Obviously the classical category of "mens rea" makes little sense in the context of a post-classical CL that is primarily about the accountability of organisations, and not, primarily at least, about the responsibility of individuals. However, the negative consequences of criminal responsibility of organisations are always borne, in the last instance at least, by individuals, although these individuals are not necessarily the most responsible ones for the criminal liability of an organisation. This raises the critical question of the justification of this sort of responsibility. However, already in the neo-classical CL we find instances of functional responsibility, that is, risk responsibility, which cannot be accounted for by the classical model with its "mens rea"-requirement and which is usually called "strict liability". "Strict liability" is a very controversial issue a thorough discussion of which would demand a separate article. However, not all forms of strict liabilty are forms of risk liability as here intended.
Criminal risk responsibility, it would seem to me, is a form of accountability based on the supposition that although "mens rea" may have been absent, an accountable person has voluntarily taken a certain risk of causing harm by his participating in certain social activities. In other words, risk responsibility is is a form of negligence that is just not as exceptional as "ordinary" negligence is supposed to be. The exceptionality invloved in risk responsibility is not the behaviour in question, but the nasty consequences of that behaviour. The rationale of such criminal risk responsibility is that the chance that such harm will be caused, is, in general, reduced by the threat of the CL. It is only in this way that we can explain e.g. that drivers who cause a fatal accident due to an inattention that happens to practically all drivers now and then, are punishable, even though its occurrence with fatal consequences is almost a matter of chance. However, the reason that such behaviour must nevertheless be punished more severely than the identical behaviour without such consequences, is that punishment is assumed to make drivers drive more carefully.
Evidently, life in our "risk society" gives much more occasion also for criminal risk responsibility than ever before. This is especially true were risks can better be prevented through organisational reform. The principle of distribution of criminal risk responsibility can be derived from this reflection. Obviously, those who are responsible for taking a particular risk in view of the profits they envisage notwithstanding those risks, should be held accountable to the degree in which they have failed to take the necessary measures they were competent to take in order to prevent the occurrence of that risk or at least to insure those risks.
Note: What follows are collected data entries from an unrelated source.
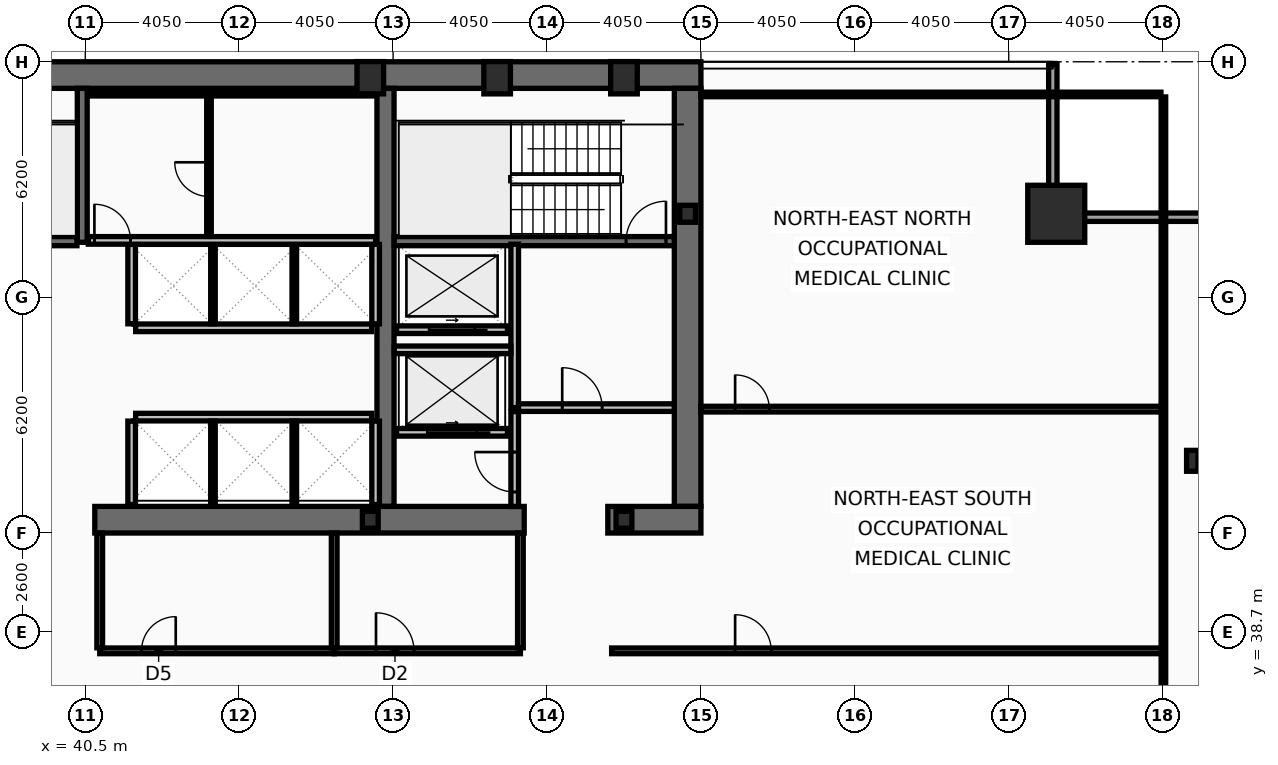
"""IFC4 building model, lengths in metres.
Left out: names, types, materials, properties, quantities, classifications, styles, units other than length and angle.
Written with IfcOpenShell. Run it as: python <this file> out.ifc"""

import sys

from ifc_helpers import new_model, si_unit, direction, frame, frame_2d, origin, origin_2d, place, context, subcontext, project, spatial, rectangle, hollow_rectangle, i_section, extrude, element, fill, save


model = new_model("IFC4")
c1 = context("Model", 3, precision=1e-05, world=origin(), true_north=direction((0.0, 1.0)))
c2 = subcontext(c1, "Body", "Model", "MODEL_VIEW")
j1 = project(units=[si_unit("LENGTHUNIT", "METRE"), si_unit("PLANEANGLEUNIT", "RADIAN")], contexts=[c1])
p1 = place(None, origin())
s1 = spatial("IfcSite", under=j1, at=p1, CompositionType="ELEMENT")
p2 = place(p1, origin())
s2 = spatial("IfcBuilding", under=s1, at=p2, CompositionType="ELEMENT")
p3 = place(p2, frame((0.0, 0.0, 132.6)))
s3 = spatial("IfcBuildingStorey", under=s2, at=p3, CompositionType="ELEMENT", Elevation=132.6)
p4 = place(p3, frame((16.2, 53.35, 0.0), z_axis=(0.0, 0.0, 1.0), x_axis=(1.0, 0.0, 0.0)))
e1 = element("IfcWall", 1, at=p4, inside=s3, PredefinedType="SHEAR", context=c2, shape_type="SweptSolid", body=[
    extrude(rectangle(XDim=40.5, YDim=0.7, at=frame_2d((20.25, 0.0))), origin(), (0.0, 0.0, 1.0), 3.44),
])
p5 = place(p3, frame((56.35, 53.0, 0.0), z_axis=(0.0, 0.0, 1.0), x_axis=(0.0, -1.0, 0.0)))
e2 = element("IfcWall", 2, at=p5, inside=s3, PredefinedType="SHEAR", context=c2, shape_type="SweptSolid", body=[
    extrude(rectangle(XDim=11.0, YDim=0.7, at=frame_2d((5.5, 0.0))), origin(), (0.0, 0.0, 1.0), 3.44),
])
p6 = place(p3, frame((48.4, 42.0, 0.0), z_axis=(0.0, 0.0, 1.0), x_axis=(0.0, 1.0, 0.0)))
e3 = element("IfcWall", 3, at=p6, inside=s3, PredefinedType="SHEAR", context=c2, shape_type="SweptSolid", body=[
    extrude(rectangle(XDim=11.0, YDim=0.45, at=frame_2d((5.5, 0.0))), origin(), (0.0, 0.0, 1.0), 3.44),
])
p7 = place(p3, frame((52.05, 41.65, 0.0), z_axis=(0.0, 0.0, 1.0), x_axis=(-1.0, 0.0, 0.0)))
e4 = element("IfcWall", 4, at=p7, inside=s3, PredefinedType="SHEAR", context=c2, shape_type="SweptSolid", body=[
    extrude(rectangle(XDim=11.3, YDim=0.7, at=frame_2d((5.65, 0.0))), origin(), (0.0, 0.0, 1.0), 3.44),
])
p8 = place(p3, frame((56.7, 41.65, 0.0), z_axis=(0.0, 0.0, 1.0), x_axis=(-1.0, 0.0, 0.0)))
e5 = element("IfcWall", 5, at=p8, inside=s3, PredefinedType="SHEAR", context=c2, shape_type="SweptSolid", body=[
    extrude(rectangle(XDim=2.45, YDim=0.7, at=frame_2d((1.225, 0.0))), origin(), (0.0, 0.0, 1.0), 3.44),
])
p9 = place(p3, frame((40.42, 48.95, 0.0), z_axis=(0.0, 0.0, 1.0), x_axis=(0.0, 1.0, 0.0)))
e6 = element("IfcWall", 6, at=p9, inside=s3, PredefinedType="SHEAR", context=c2, shape_type="SweptSolid", body=[
    extrude(rectangle(XDim=4.05, YDim=0.26, at=frame_2d((2.025, 0.0))), origin(), (0.0, 0.0, 1.0), 3.44),
])
p10 = place(p3, frame((48.63, 48.98, 0.0), z_axis=(0.0, 0.0, 1.0), x_axis=(1.0, 0.0, 0.0)))
e7 = element("IfcWall", 7, at=p10, inside=s3, PredefinedType="SHEAR", context=c2, shape_type="SweptSolid", body=[
    extrude(rectangle(XDim=7.37, YDim=0.24, at=frame_2d((3.685, 0.0))), origin(), (0.0, 0.0, 1.0), 3.44),
])
p11 = place(p10, frame((6.1, 0.0, 0.0)))
e8 = element("IfcOpeningElement", 8, at=p11, cuts=e7, PredefinedType="OPENING", context=c2, shape_type="SweptSolid", body=[
    extrude(rectangle(XDim=1.05, YDim=2.15, at=frame_2d((0.525, 1.075))), frame((0.0, 0.13, 0.0), z_axis=(0.0, -1.0, 0.0), x_axis=(1.0, 0.0, 0.0)), (0.0, 0.0, 1.0), 0.26),
])
p12 = place(p3, frame((32.72, 48.98, 0.0), z_axis=(0.0, 0.0, 1.0), x_axis=(1.0, 0.0, 0.0)))
e9 = element("IfcWall", 9, at=p12, inside=s3, PredefinedType="SHEAR", context=c2, shape_type="SweptSolid", body=[
    extrude(rectangle(XDim=7.56, YDim=0.24, at=frame_2d((3.78, 0.0))), origin(), (0.0, 0.0, 1.0), 3.44),
])
p13 = place(p12, frame((0.22, 0.0, 0.0)))
e10 = element("IfcOpeningElement", 10, at=p13, cuts=e9, PredefinedType="OPENING", context=c2, shape_type="SweptSolid", body=[
    extrude(rectangle(XDim=1.05, YDim=2.15, at=frame_2d((0.525, 1.075))), frame((0.0, 0.13, 0.0), z_axis=(0.0, -1.0, 0.0), x_axis=(1.0, 0.0, 0.0)), (0.0, 0.0, 1.0), 0.26),
])
p14 = place(p3, frame((66.05, 49.7, 0.0), z_axis=(0.0, 0.0, 1.0), x_axis=(1.0, 0.0, 0.0)))
e11 = element("IfcColumn", 11, at=p14, inside=s3, PredefinedType="COLUMN", context=c2, shape_type="SweptSolid", body=[
    extrude(hollow_rectangle(XDim=1.5, YDim=1.5, WallThickness=0.07, at=origin_2d()), origin(), (0.0, 0.0, 1.0), 3.6),
])
for number, where, z_axis, x_axis in (
    (12, (48.0, 53.28, 0.0), (0.0, 0.0, 1.0), (1.0, 0.0, 0.0)),
    (13, (51.337, 53.28, 0.0), (0.0, 0.0, 1.0), (1.0, 0.0, 0.0)),
    (14, (54.675, 53.28, 0.0), (0.0, 0.0, 1.0), (1.0, 0.0, 0.0)),
):
    element("IfcColumn", number, at=place(p3, frame(where, z_axis=z_axis, x_axis=x_axis)), inside=s3, PredefinedType="COLUMN", context=c2, shape_type="SweptSolid", body=[
        extrude(hollow_rectangle(XDim=0.7, YDim=0.85, WallThickness=0.05, at=origin_2d()), origin(), (0.0, 0.0, 1.0), 3.6),
    ])
p15 = place(p3, frame((69.63, 43.2, 0.0), z_axis=(0.0, 0.0, 1.0), x_axis=(1.0, 0.0, 0.0)))
e15 = element("IfcColumn", 15, at=p15, inside=s3, PredefinedType="COLUMN", context=c2, shape_type="SweptSolid", body=[
    extrude(i_section(OverallWidth=0.3, OverallDepth=0.55, WebThickness=0.015, FlangeThickness=0.029, at=origin_2d()), origin(), (0.0, 0.0, 1.0), 3.6),
])
for number, where, z_axis, x_axis in (
    (16, (56.35, 49.7, 0.0), (0.0, 0.0, 1.0), (1.0, 0.0, 0.0)),
    (17, (48.0, 41.65, 0.0), (0.0, 0.0, 1.0), (1.0, 0.0, 0.0)),
    (18, (54.675, 41.65, 0.0), (0.0, 0.0, 1.0), (1.0, 0.0, 0.0)),
):
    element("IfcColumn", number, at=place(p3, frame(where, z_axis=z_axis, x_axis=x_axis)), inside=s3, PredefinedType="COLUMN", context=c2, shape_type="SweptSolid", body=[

Although one should be wary of an idealisation of crime as far as the motives of offenders are concerned, it seems to me that what are postclassical CL's deficiencies from a classical point of view, can also be seen as a part of attempts to deal with crime in a more integrated and sociologically prudent way. The inner wisdom that can be seen as hidden in the post-classical CL is that it is much more efficient to prevent crime by changing social conditions than it is to punish just to deter.